= Operation Sky Shield =

1960s air-defense exercises in the US

Operation Sky Shield, properly Exercise Sky Shield, was a series of three large-scale military exercises conducted in the United States and Canada in 1960, 1961, and 1962 by NORAD (North American Air Defense) Command and CONAD (Continental Air Defense) Command to test defenses against an air attack from the Soviet Union. The tests were intended to ensure that any attacks over the American–Canadian border or coastlines would be detected and then stopped.

The exercises involved 6,000 sorties flown by aircraft of the United States Air Force (USAF), Royal Canadian Air Force (RCAF) and Royal Air Force (RAF) (1961 only), simulating Soviet fighter and bomber attacks against New York, Chicago, San Diego, Los Angeles, Washington and more. They were among the largest military aviation exercises ever held.

The United States and Canada assured citizens that their defenses were "99 percent effective", but the results showed how unsuccessful the defense would be against a Soviet air attack. No more than one quarter of bombers in Sky Shield would have been intercepted, according to later reports. The results of the tests were classified until 1997 over fears that they could be used by the Soviets to engage the US more effectively in the event of World War III.
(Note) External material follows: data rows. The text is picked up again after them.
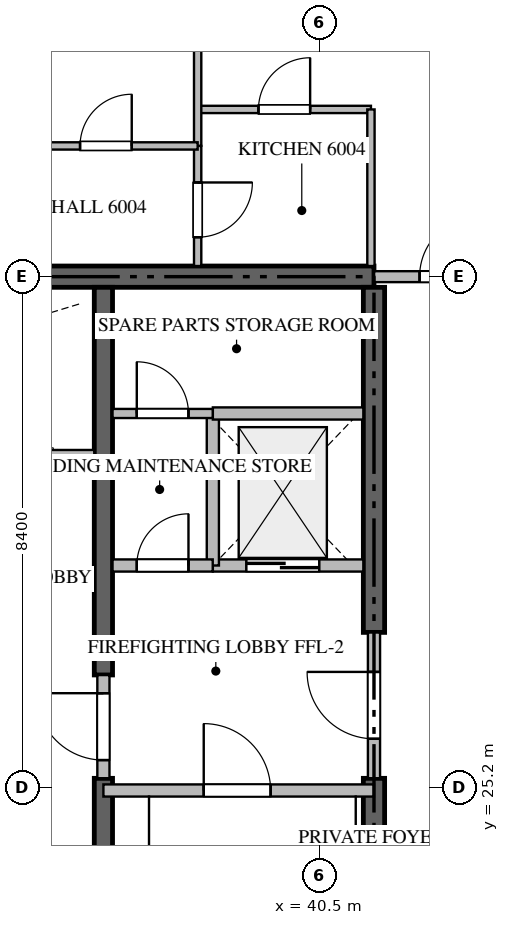
"""IFC4 building model, lengths in metres.
Left out: names, types, materials, properties, quantities, classifications, styles, units other than length and angle.
Written with IfcOpenShell. Run it as: python <this file> out.ifc"""

import sys

from ifc_helpers import new_model, si_unit, direction, frame, frame_2d, origin, place, context, subcontext, project, spatial, rectangle, extrude, source, transform, mapped, element, fill, save


model = new_model("IFC4")
c1 = context("Model", 3, precision=1e-05, world=origin(), true_north=direction((0.0, 1.0)))
c2 = subcontext(c1, "Body", "Model", "MODEL_VIEW")
j1 = project(units=[si_unit("LENGTHUNIT", "METRE"), si_unit("PLANEANGLEUNIT", "RADIAN")], contexts=[c1])
p1 = place(None, origin())
s1 = spatial("IfcSite", under=j1, at=p1, CompositionType="ELEMENT")
p2 = place(p1, origin())
s2 = spatial("IfcBuilding", under=s1, at=p2, CompositionType="ELEMENT")
p3 = place(p2, frame((0.0, 0.0, 241.25)))
s3 = spatial("IfcBuildingStorey", under=s2, at=p3, CompositionType="ELEMENT", Elevation=241.25)
p4 = place(p3, frame((41.4, 33.6, -0.26), z_axis=(0.0, 0.0, 1.0), x_axis=(-1.0, 0.0, 0.0)))
e1 = element("IfcWall", 1, at=p4, inside=s3, PredefinedType="SHEAR", context=c2, shape_type="SweptSolid", body=[
    extrude(rectangle(XDim=18.0, YDim=0.35, at=frame_2d((9.0, 0.0))), origin(), (0.0, 0.0, 1.0), 3.848),
])
p5 = place(p3, frame((41.4, 16.975, -0.26), z_axis=(0.0, 0.0, 1.0), x_axis=(0.0, 1.0, 0.0)))
e2 = element("IfcWall", 2, at=p5, inside=s3, PredefinedType="SHEAR", context=c2, shape_type="SweptSolid", body=[
    extrude(rectangle(XDim=8.375, YDim=0.35, at=frame_2d((4.188, 0.0))), origin(), (0.0, 0.0, 1.0), 3.848),
])
p6 = place(p3, frame((41.4, 27.75, -0.26), z_axis=(0.0, 0.0, 1.0), x_axis=(0.0, 1.0, 0.0)))
e3 = element("IfcWall", 3, at=p6, inside=s3, PredefinedType="SHEAR", context=c2, shape_type="SweptSolid", body=[
    extrude(rectangle(XDim=5.675, YDim=0.35, at=frame_2d((2.837, 0.0))), origin(), (0.0, 0.0, 1.0), 3.848),
])
p7 = place(p3, frame((36.95, 16.975, -0.26), z_axis=(0.0, 0.0, 1.0), x_axis=(0.0, 1.0, 0.0)))
e4 = element("IfcWall", 4, at=p7, inside=s3, PredefinedType="SHEAR", context=c2, shape_type="SweptSolid", body=[
    extrude(rectangle(XDim=8.375, YDim=0.3, at=frame_2d((4.188, 0.0))), origin(), (0.0, 0.0, 1.0), 3.848),
])
p8 = place(p3, frame((36.95, 27.05, -0.26), z_axis=(0.0, 0.0, 1.0), x_axis=(0.0, 1.0, 0.0)))
e5 = element("IfcWall", 5, at=p8, inside=s3, PredefinedType="SHEAR", context=c2, shape_type="SweptSolid", body=[
    extrude(rectangle(XDim=6.375, YDim=0.3, at=frame_2d((3.188, 0.0))), origin(), (0.0, 0.0, 1.0), 3.848),
])
p9 = place(p3, frame((36.95, 25.15, 0.0), z_axis=(0.0, 0.0, 1.0), x_axis=(1.0, 0.0, 0.0)))
e6 = element("IfcWall", 6, at=p9, inside=s3, PredefinedType="STANDARD", context=c2, shape_type="SweptSolid", body=[
    extrude(rectangle(XDim=4.45, YDim=0.2, at=frame_2d((2.225, 0.0))), origin(), (0.0, 0.0, 1.0), 3.59),
])
p10 = place(p9, frame((1.65, 0.0, 0.0)))
e7 = element("IfcOpeningElement", 7, at=p10, cuts=e6, PredefinedType="OPENING", context=c2, shape_type="SweptSolid", body=[
    extrude(rectangle(XDim=1.1, YDim=2.15, at=frame_2d((0.55, 1.075))), frame((0.0, 0.11, 0.0), z_axis=(0.0, -1.0, 0.0), x_axis=(1.0, 0.0, 0.0)), (0.0, 0.0, 1.0), 0.22),
])
p11 = place(p3, frame((38.75, 28.85, 0.0), z_axis=(0.0, 0.0, 1.0), x_axis=(1.0, 0.0, 0.0)))
e8 = element("IfcWall", 8, at=p11, inside=s3, PredefinedType="STANDARD", context=c2, shape_type="SweptSolid", body=[
    extrude(rectangle(XDim=2.475, YDim=0.2, at=frame_2d((1.238, 0.0))), origin(), (0.0, 0.0, 1.0), 3.59),
])
p12 = place(p11, frame((0.55, 0.0, 0.0)))
e9 = element("IfcOpeningElement", 9, at=p12, cuts=e8, PredefinedType="OPENING", context=c2, shape_type="SweptSolid", body=[
    extrude(rectangle(XDim=1.2, YDim=2.2, at=frame_2d((0.6, 1.1))), frame((0.0, 0.11, 0.0), z_axis=(0.0, -1.0, 0.0), x_axis=(1.0, 0.0, 0.0)), (0.0, 0.0, 1.0), 0.22),
])
p13 = place(p3, frame((35.0, 30.65, 0.0), z_axis=(0.0, 0.0, 1.0), x_axis=(1.0, 0.0, 0.0)))
e10 = element("IfcWall", 10, at=p13, inside=s3, PredefinedType="STANDARD", context=c2, shape_type="SweptSolid", body=[
    extrude(rectangle(XDim=1.8, YDim=0.2, at=frame_2d((0.9, 0.0))), origin(), (0.0, 0.0, 1.0), 3.59),
])
p14 = place(p3, frame((38.75, 28.85, 0.0), z_axis=(0.0, 0.0, 1.0), x_axis=(0.0, 1.0, 0.0)))
e11 = element("IfcWall", 11, at=p14, inside=s3, PredefinedType="STANDARD", context=c2, shape_type="SweptSolid", body=[
    extrude(rectangle(XDim=2.5, YDim=0.2, at=frame_2d((1.25, 0.0))), origin(), (0.0, 0.0, 1.0), 3.59),
])
p15 = place(p3, frame((38.75, 31.35, 0.0), z_axis=(0.0, 0.0, 1.0), x_axis=(1.0, 0.0, 0.0)))
e12 = element("IfcWall", 12, at=p15, inside=s3, PredefinedType="STANDARD", context=c2, shape_type="SweptSolid", body=[
    extrude(rectangle(XDim=2.475, YDim=0.2, at=frame_2d((1.238, 0.0))), origin(), (0.0, 0.0, 1.0), 3.59),
])
p16 = place(p3, frame((37.1, 28.85, 0.0), z_axis=(0.0, 0.0, 1.0), x_axis=(1.0, 0.0, 0.0)))
e13 = element("IfcWall", 13, at=p16, inside=s3, PredefinedType="STANDARD", context=c2, shape_type="SweptSolid", body=[
    extrude(rectangle(XDim=1.648, YDim=0.2, at=frame_2d((0.824, 0.0))), origin(), (0.0, 0.0, 1.0), 3.59),
])
p17 = place(p16, frame((0.399, 0.0, 0.0)))
e14 = element("IfcOpeningElement", 14, at=p17, cuts=e13, PredefinedType="OPENING", context=c2, shape_type="SweptSolid", body=[
    extrude(rectangle(XDim=0.85, YDim=2.1, at=frame_2d((0.425, 1.05))), frame((0.0, 0.11, 0.0), z_axis=(0.0, -1.0, 0.0), x_axis=(1.0, 0.0, 0.0)), (0.0, 0.0, 1.0), 0.22),
])
p18 = place(p3, frame((41.4, 25.352, 0.0), z_axis=(0.0, 0.0, 1.0), x_axis=(0.0, 1.0, 0.0)))
e15 = element("IfcWall", 15, at=p18, inside=s3, PredefinedType="STANDARD", context=c2, shape_type="SweptSolid", body=[
    extrude(rectangle(XDim=2.396, YDim=0.2, at=frame_2d((1.198, 0.0))), origin(), (0.0, 0.0, 1.0), 3.59),
])
p19 = place(p18, frame((0.648, 0.0, 0.0)))
e16 = element("IfcOpeningElement", 16, at=p19, cuts=e15, PredefinedType="OPENING", context=c2, shape_type="SweptSolid", body=[
    extrude(rectangle(XDim=1.1, YDim=2.15, at=frame_2d((0.55, 1.075))), frame((0.0, 0.11, 0.0), z_axis=(0.0, -1.0, 0.0), x_axis=(1.0, 0.0, 0.0)), (0.0, 0.0, 1.0), 0.22),
])
p20 = place(p3, frame((36.95, 25.352, 0.0), z_axis=(0.0, 0.0, 1.0), x_axis=(0.0, 1.0, 0.0)))
e17 = element("IfcWall", 17, at=p20, inside=s3, PredefinedType="STANDARD", context=c2, shape_type="SweptSolid", body=[
    extrude(rectangle(XDim=1.696, YDim=0.2, at=frame_2d((0.848, 0.0))), origin(), (0.0, 0.0, 1.0), 3.59),
])
p21 = place(p20, frame((0.298, 0.0, 0.0)))
e18 = element("IfcOpeningElement", 18, at=p21, cuts=e17, PredefinedType="OPENING", context=c2, shape_type="SweptSolid", body=[
    extrude(rectangle(XDim=1.1, YDim=2.15, at=frame_2d((0.55, 1.075))), frame((0.0, 0.11, 0.0), z_axis=(0.0, -1.0, 0.0), x_axis=(1.0, 0.0, 0.0)), (0.0, 0.0, 1.0), 0.22),
])
p22 = place(p3, frame((37.1, 31.35, 0.0), z_axis=(0.0, 0.0, 1.0), x_axis=(1.0, 0.0, 0.0)))
e19 = element("IfcWall", 19, at=p22, inside=s3, PredefinedType="PARTITIONING", context=c2, shape_type="SweptSolid", body=[
    extrude(rectangle(XDim=1.648, YDim=0.15, at=frame_2d((0.824, 0.0))), origin(), (0.0, 0.0, 1.0), 3.59),
])
p23 = place(p22, frame((0.399, 0.0, 0.0)))
e20 = element("IfcOpeningElement", 20, at=p23, cuts=e19, PredefinedType="OPENING", context=c2, shape_type="SweptSolid", body=[
    extrude(rectangle(XDim=0.85, YDim=2.1, at=frame_2d((0.425, 1.05))), frame((0.0, 0.085, 0.0), z_axis=(0.0, -1.0, 0.0), x_axis=(1.0, 0.0, 0.0)), (0.0, 0.0, 1.0), 0.17),
])
p24 = place(p3, frame((41.402, 33.6, 0.0), z_axis=(0.0, 0.0, 1.0), x_axis=(1.0, 0.0, 0.0)))
e21 = element("IfcWall", 21, at=p24, inside=s3, PredefinedType="PARTITIONING", context=c2, shape_type="SweptSolid", body=[
    extrude(rectangle(XDim=2.496, YDim=0.18, at=frame_2d((1.248, 0.0))), origin(), (0.0, 0.0, 1.0), 3.59),
])
p25 = place(p24, frame((0.748, 0.0, 0.0)))
e22 = element("IfcOpeningElement", 22, at=p25, cuts=e21, PredefinedType="OPENING", context=c2, shape_type="SweptSolid", body=[
    extrude(rectangle(XDim=1.0, YDim=2.15, at=frame_2d((0.5, 1.075))), frame((0.0, 0.1, 0.0), z_axis=(0.0, -1.0, 0.0), x_axis=(1.0, 0.0, 0.0)), (0.0, 0.0, 1.0), 0.2),
])
p26 = place(p3, frame((38.5, 36.35, 0.0), z_axis=(0.0, 0.0, 1.0), x_axis=(1.0, 0.0, 0.0)))
e23 = element("IfcWall", 23, at=p26, inside=s3, PredefinedType="PARTITIONING", context=c2, shape_type="SweptSolid", body=[
    extrude(rectangle(XDim=2.85, YDim=0.12, at=frame_2d((1.425, 0.0))), origin(), (0.0, 0.0, 1.0), 3.59),
])
p27 = place(p26, frame((1.0, 0.0, 0.0)))
e24 = element("IfcOpeningElement", 24, at=p27, cuts=e23, PredefinedType="OPENING", context=c2, shape_type="SweptSolid", body=[
    extrude(rectangle(XDim=0.85, YDim=2.1, at=frame_2d((0.425, 1.05))), frame((0.0, 0.07, 0.0), z_axis=(0.0, -1.0, 0.0), x_axis=(1.0, 0.0, 0.0)), (0.0, 0.0, 1.0), 0.14),
])
p28 = place(p3, frame((41.35, 36.35, 0.0), z_axis=(0.0, 0.0, 1.0), x_axis=(0.0, -1.0, 0.0)))
e25 = element("IfcWall", 25, at=p28, inside=s3, PredefinedType="PARTITIONING", context=c2, shape_type="SweptSolid", body=[
    extrude(rectangle(XDim=2.575, YDim=0.12, at=frame_2d((1.288, 0.0))), origin(), (0.0, 0.0, 1.0), 3.59),
])
p29 = place(p3, frame((38.5, 35.75, 0.0), z_axis=(0.0, 0.0, 1.0), x_axis=(0.0, -1.0, 0.0)))
e26 = element("IfcWall", 26, at=p29, inside=s3, PredefinedType="PARTITIONING", context=c2, shape_type="SweptSolid", body=[
    extrude(rectangle(XDim=1.975, YDim=0.12, at=frame_2d((0.988, 0.0))), origin(), (0.0, 0.0, 1.0), 3.59),
])
p30 = place(p29, frame((0.601, 0.0, 0.0)))
e27 = element("IfcOpeningElement", 27, at=p30, cuts=e26, PredefinedType="OPENING", context=c2, shape_type="SweptSolid", body=[
    extrude(rectangle(XDim=0.9, YDim=2.1, at=frame_2d((0.45, 1.05))), frame((0.0, 0.07, 0.0), z_axis=(0.0, -1.0, 0.0), x_axis=(1.0, 0.0, 0.0)), (0.0, 0.0, 1.0), 0.14),
])
p31 = place(p3, frame((38.5, 42.499, 0.0), z_axis=(0.0, 0.0, 1.0), x_axis=(0.0, -1.0, 0.0)))
e28 = element("IfcWall", 28, at=p31, inside=s3, PredefinedType="PARTITIONING", context=c2, shape_type="SweptSolid", body=[
    extrude(rectangle(XDim=6.747, YDim=0.12, at=frame_2d((3.374, 0.0))), origin(), (0.0, 0.0, 1.0), 3.59),
])
p32 = place(p3, frame((35.482, 35.75, 0.0), z_axis=(0.0, 0.0, 1.0), x_axis=(1.0, 0.0, 0.0)))
e29 = element("IfcWall", 29, at=p32, inside=s3, PredefinedType="PARTITIONING", context=c2, shape_type="SweptSolid", body=[
    extrude(rectangle(XDim=3.018, YDim=0.12, at=frame_2d((1.509, 0.0))), origin(), (0.0, 0.0, 1.0), 3.59),
])
p33 = place(p32, frame((1.084, 0.0, 0.0)))
e30 = element("IfcOpeningElement", 30, at=p33, cuts=e29, PredefinedType="OPENING", context=c2, shape_type="SweptSolid", body=[
    extrude(rectangle(XDim=0.85, YDim=2.1, at=frame_2d((0.425, 1.05))), frame((0.0, 0.07, 0.0), z_axis=(0.0, -1.0, 0.0), x_axis=(1.0, 0.0, 0.0)), (0.0, 0.0, 1.0), 0.14),
])
m1 = source(origin(), c2, "Body", "SweptSolid", [
    extrude(rectangle(XDim=1.1, YDim=2.15, at=frame_2d((0.55, 1.075))), frame((0.0, 0.025, 0.0), z_axis=(0.0, -1.0, 0.0), x_axis=(1.0, 0.0, 0.0)), (0.0, 0.0, 1.0), 0.05),
])
p34 = place(p10, origin())
e31 = element("IfcDoor", 31, at=p34, inside=s3, OperationType="SINGLE_SWING_LEFT", PredefinedType="DOOR", context=c2, shape_type="MappedRepresentation", body=[
    mapped(m1, transform((0.0, 0.0, 0.0), scale=1.0)),
])
fill(e7, e31)
m2 = source(origin(), c2, "Body", "SweptSolid", [
    extrude(rectangle(XDim=1.2, YDim=2.2, at=frame_2d((0.6, 1.1))), frame((0.0, 0.025, 0.0), z_axis=(0.0, -1.0, 0.0), x_axis=(1.0, 0.0, 0.0)), (0.0, 0.0, 1.0), 0.05),
])
p35 = place(p12, origin())
e32 = element("IfcDoor", 32, at=p35, inside=s3, OperationType="DOUBLE_DOOR_SLIDING", PredefinedType="DOOR", context=c2, shape_type="MappedRepresentation", body=[
    mapped(m2, transform((0.0, 0.0, 0.0), scale=1.0)),
])
fill(e9, e32)
m3 = source(origin(), c2, "Body", "SweptSolid", [
    extrude(rectangle(XDim=0.85, YDim=2.1, at=frame_2d((0.425, 1.05))), frame((0.0, 0.025, 0.0), z_axis=(0.0, -1.0, 0.0), x_axis=(1.0, 0.0, 0.0)), (0.0, 0.0, 1.0), 0.05),
])
p36 = place(p17, origin())
e33 = element("IfcDoor", 33, at=p36, inside=s3, OperationType="SINGLE_SWING_RIGHT", PredefinedType="DOOR", context=c2, shape_type="MappedRepresentation", body=[
    mapped(m3, transform((0.0, 0.0, 0.0), scale=1.0)),
])
fill(e14, e33)
p37 = place(p19, origin())
e34 = element("IfcDoor", 34, at=p37, inside=s3, OperationType="SINGLE_SWING_RIGHT", PredefinedType="DOOR", context=c2, shape_type="MappedRepresentation", body=[
    mapped(m1, transform((0.0, 0.0, 0.0), scale=1.0)),
])
fill(e16, e34)
p38 = place(p21, origin())
e35 = element("IfcDoor", 35, at=p38, inside=s3, OperationType="SINGLE_SWING_RIGHT", PredefinedType="DOOR", context=c2, shape_type="MappedRepresentation", body=[
    mapped(m1, transform((0.0, 0.0, 0.0), scale=1.0)),
])
fill(e18, e35)
p39 = place(p23, origin())
e36 = element("IfcDoor", 36, at=p39, inside=s3, OperationType="SINGLE_SWING_LEFT", PredefinedType="DOOR", context=c2, shape_type="MappedRepresentation", body=[
    mapped(m3, transform((0.0, 0.0, 0.0), scale=1.0)),
])
fill(e20, e36)
m4 = source(origin(), c2, "Body", "SweptSolid", [
    extrude(rectangle(XDim=1.0, YDim=2.15, at=frame_2d((0.5, 1.075))), frame((0.0, 0.025, 0.0), z_axis=(0.0, -1.0, 0.0), x_axis=(1.0, 0.0, 0.0)), (0.0, 0.0, 1.0), 0.05),
])
p40 = place(p25, origin())
e37 = element("IfcDoor", 37, at=p40, inside=s3, OperationType="SINGLE_SWING_RIGHT", PredefinedType="DOOR", context=c2, shape_type="MappedRepresentation", body=[
    mapped(m4, transform((0.0, 0.0, 0.0), scale=1.0)),
])
fill(e22, e37)
p41 = place(p27, origin())
e38 = element("IfcDoor", 38, at=p41, inside=s3, OperationType="SINGLE_SWING_RIGHT", PredefinedType="DOOR", context=c2, shape_type="MappedRepresentation", body=[
    mapped(m3, transform((0.0, 0.0, 0.0), scale=1.0)),
])
fill(e24, e38)
m5 = source(origin(), c2, "Body", "SweptSolid", [
    extrude(rectangle(XDim=0.9, YDim=2.1, at=frame_2d((0.45, 1.05))), frame((0.0, 0.025, 0.0), z_axis=(0.0, -1.0, 0.0), x_axis=(1.0, 0.0, 0.0)), (0.0, 0.0, 1.0), 0.05),
])
p42 = place(p30, origin())
e39 = element("IfcDoor", 39, at=p42, inside=s3, OperationType="SINGLE_SWING_LEFT", PredefinedType="DOOR", context=c2, shape_type="MappedRepresentation", body=[
    mapped(m5, transform((0.0, 0.0, 0.0), scale=1.0)),
])
fill(e27, e39)
p43 = place(p33, origin())
e40 = element("IfcDoor", 40, at=p43, inside=s3, OperationType="SINGLE_SWING_RIGHT", PredefinedType="DOOR", context=c2, shape_type="MappedRepresentation", body=[
    mapped(m3, transform((0.0, 0.0, 0.0), scale=1.0)),
])
fill(e30, e40)
save(model, sys.argv[1])

In the exercises, all air traffic from the Arctic Circle to Mexico was grounded, sometimes for up to twelve hours. The estimated cost of the shut downs was millions of dollars. In the reporting of the September 11 attacks in 2001, these exercises were often overlooked, with news agencies reporting that the similar but unplanned evacuation of US airspace during that incident had been first ever clearing of US airspace of all civilian aircraft.

==Operations==
===Sky Shield I (1960)===
In late July 1960, the Department of Defense gave airlines an eight-week notice that it would mobilize an unprecedented number of combat aircraft in a training exercise so vast that it could succeed only if civil aircraft did not interfere and that the airlines should adjust their schedules accordingly and notify their reservation holders. An estimated 1,000 U.S. commercial flights – carrying around 37,000 passengers – and 700 general aviation aircraft were affected by this exercise. To comply with this, Canada had 310 flights with 3,000 passengers affected, and 31 foreign flights scheduled to land in North America were canceled. William B. Becker of the Air Transport Association (ATA) wrote that "[e]stimated cost figures from only nine of the many air carriers affected totalled approximately one-half million dollars."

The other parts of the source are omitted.